125 points | by programLyrique 5 hours ago

13 comments

boulos 4 hours ago
This is nice work, but I found the bug finding example to be weird:
> One such bug was in the sign function for zigzag decoding of the datrs/varinteger library. On input Std.U64.MAX, the expression (value + 1) overflowed, causing crashes in debug mode and silent corruption in release mode—an edge case that testing and fuzzing would typically miss.
In what way would this boundary condition case be considered something that "testing [...] would typically miss"? It's certainly something that bad tests would miss or not think about, but I find that (a) careful people and (b) ML coding systems are actually really good at "oh, I should test the extreme values". Especially for things that parse user input.
I'm curious if they found other bugs that were more interesting, but found them too hard to explain quickly.
[-]
- Groxx 2 hours ago
  particularly "and fuzzing", yea. fuzzing generally does intentionally explore boundary values, from what I've seen. for an encoding library like this, I think it's fair to say that fuzzing is a baseline expectation for any decent code, and it almost certainly would've caught this in seconds.
  --- edit
  concretely, I made a very simple round-trip test with proptest, and got dozens of failures and this in less than a second:
```
    thread 'signed_round_trip' (50528) panicked at tests/test.rs:72:1:
    Test failed: attempt to multiply with overflow.
    minimal failing input: value = 4611686018427387904
        successes: 2
        local rejects: 0
        global rejects: 0
```
- fjdjshsh 4 hours ago
  Maybe it's not something they would "typically miss", but, from proof by existence, it's something they sometimes miss.
  It does speak to the benefits of using lean in that you don't need to be clever about the different examples you test.
- Exoristos 3 hours ago
  Yes, it's basic QA. If tests missed this kind of thing, they would be of much more limited use than we generally expect them to be.
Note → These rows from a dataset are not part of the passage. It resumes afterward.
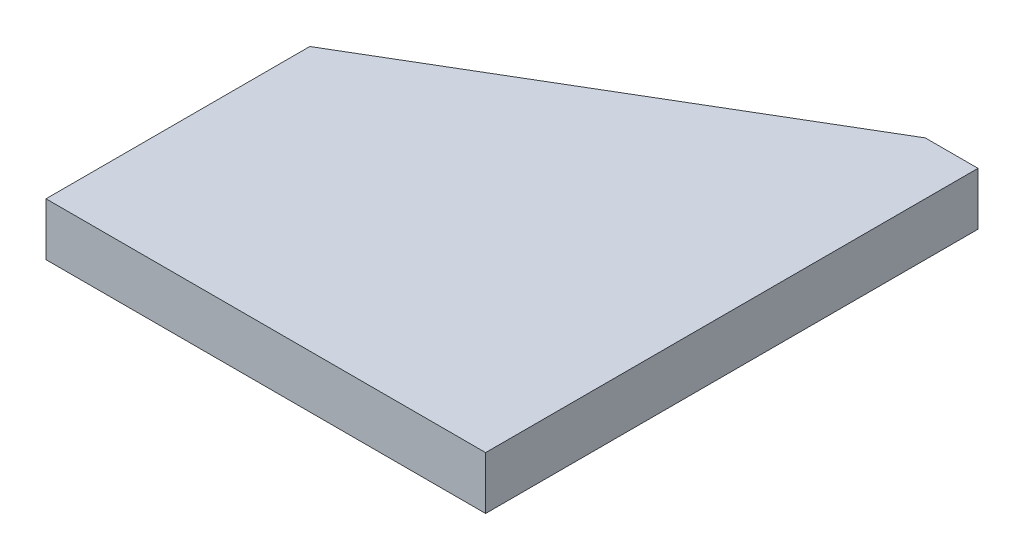
SolidWorks part; units mm, degrees
ref_plane "前视基准面" through (0, 0, 0) normal (0, 0, 1) x (1, 0, 0)
ref_plane "上视基准面" through (0, 0, 0) normal (0, 1, 0) x (1, 0, 0)
ref_plane "右视基准面" through (0, 0, 0) normal (1, 0, 0) x (0, 0, -1)
sketch "草图1" plane through (0, 0, 0) normal (0, 1, 0) x (1, 0, 0)
  line L0 (162.7907, 182.3256) -> (132.7907, 182.3256)
  line L1 (-87.2093, -97.6744) -> (162.7907, -97.6744)
  line L2 (-87.2093, -97.6744) -> (-87.2093, 52.3256)
  line L4 (162.7907, -97.6744) -> (162.7907, 182.3256)
  line L5 (-87.2093, -97.6744) -> (162.7907, 182.3256) construction
  line L6 (-87.2093, 52.3256) -> (162.7907, -97.6744) construction
  line L7 (132.7907, 182.3256) -> (-87.2093, 52.3256)
  point P0 (0, 0)
  dimension "D1" = 150
  dimension "D2" = 250
  dimension "D3" = 280
  dimension "D4" = 30
extrude "凸台-拉伸1" add sketch "草图1" along normal blind 30

It raises questions about the authors' background.
- Quekid5 1 hour ago
  Because this is garbage PR. That's it.
  Every property-based testing system (invented ca. 1980) will explore boundary values. The semantics (or lack thereof) of C and C++ can make this difficult to actually test for because the compiler is allowed to say "test passed" to any input leading to UB.
  [-]
  - vlovich123 2 minutes ago
    Property based testing is good at generating boundary values for inputs. But for any more complicated piece of code getting boundary value coverage of interior values is an open problem that requires instrumentation feedback to understand branch coverage and value coverage of the code that got tested. It’s not an easy thing at all.
- pierrefermat1 4 hours ago
  [flagged]
  [-]
  - fjdjshsh 4 hours ago
    I feel this is a lazy, straw-manning comment.
andai 2 hours ago
Halfway thru the article it shows a comparison with several frontier-ish LLMs. But they're all from half a year ago. "Our new model is better than all these Chinese models from 3 generations ago" is pretty funny to me.
[-]
- dannyw 3 minutes ago
  It’s a 6bn model. Totally different class. I’m more excited about “frontier small language models” tbh.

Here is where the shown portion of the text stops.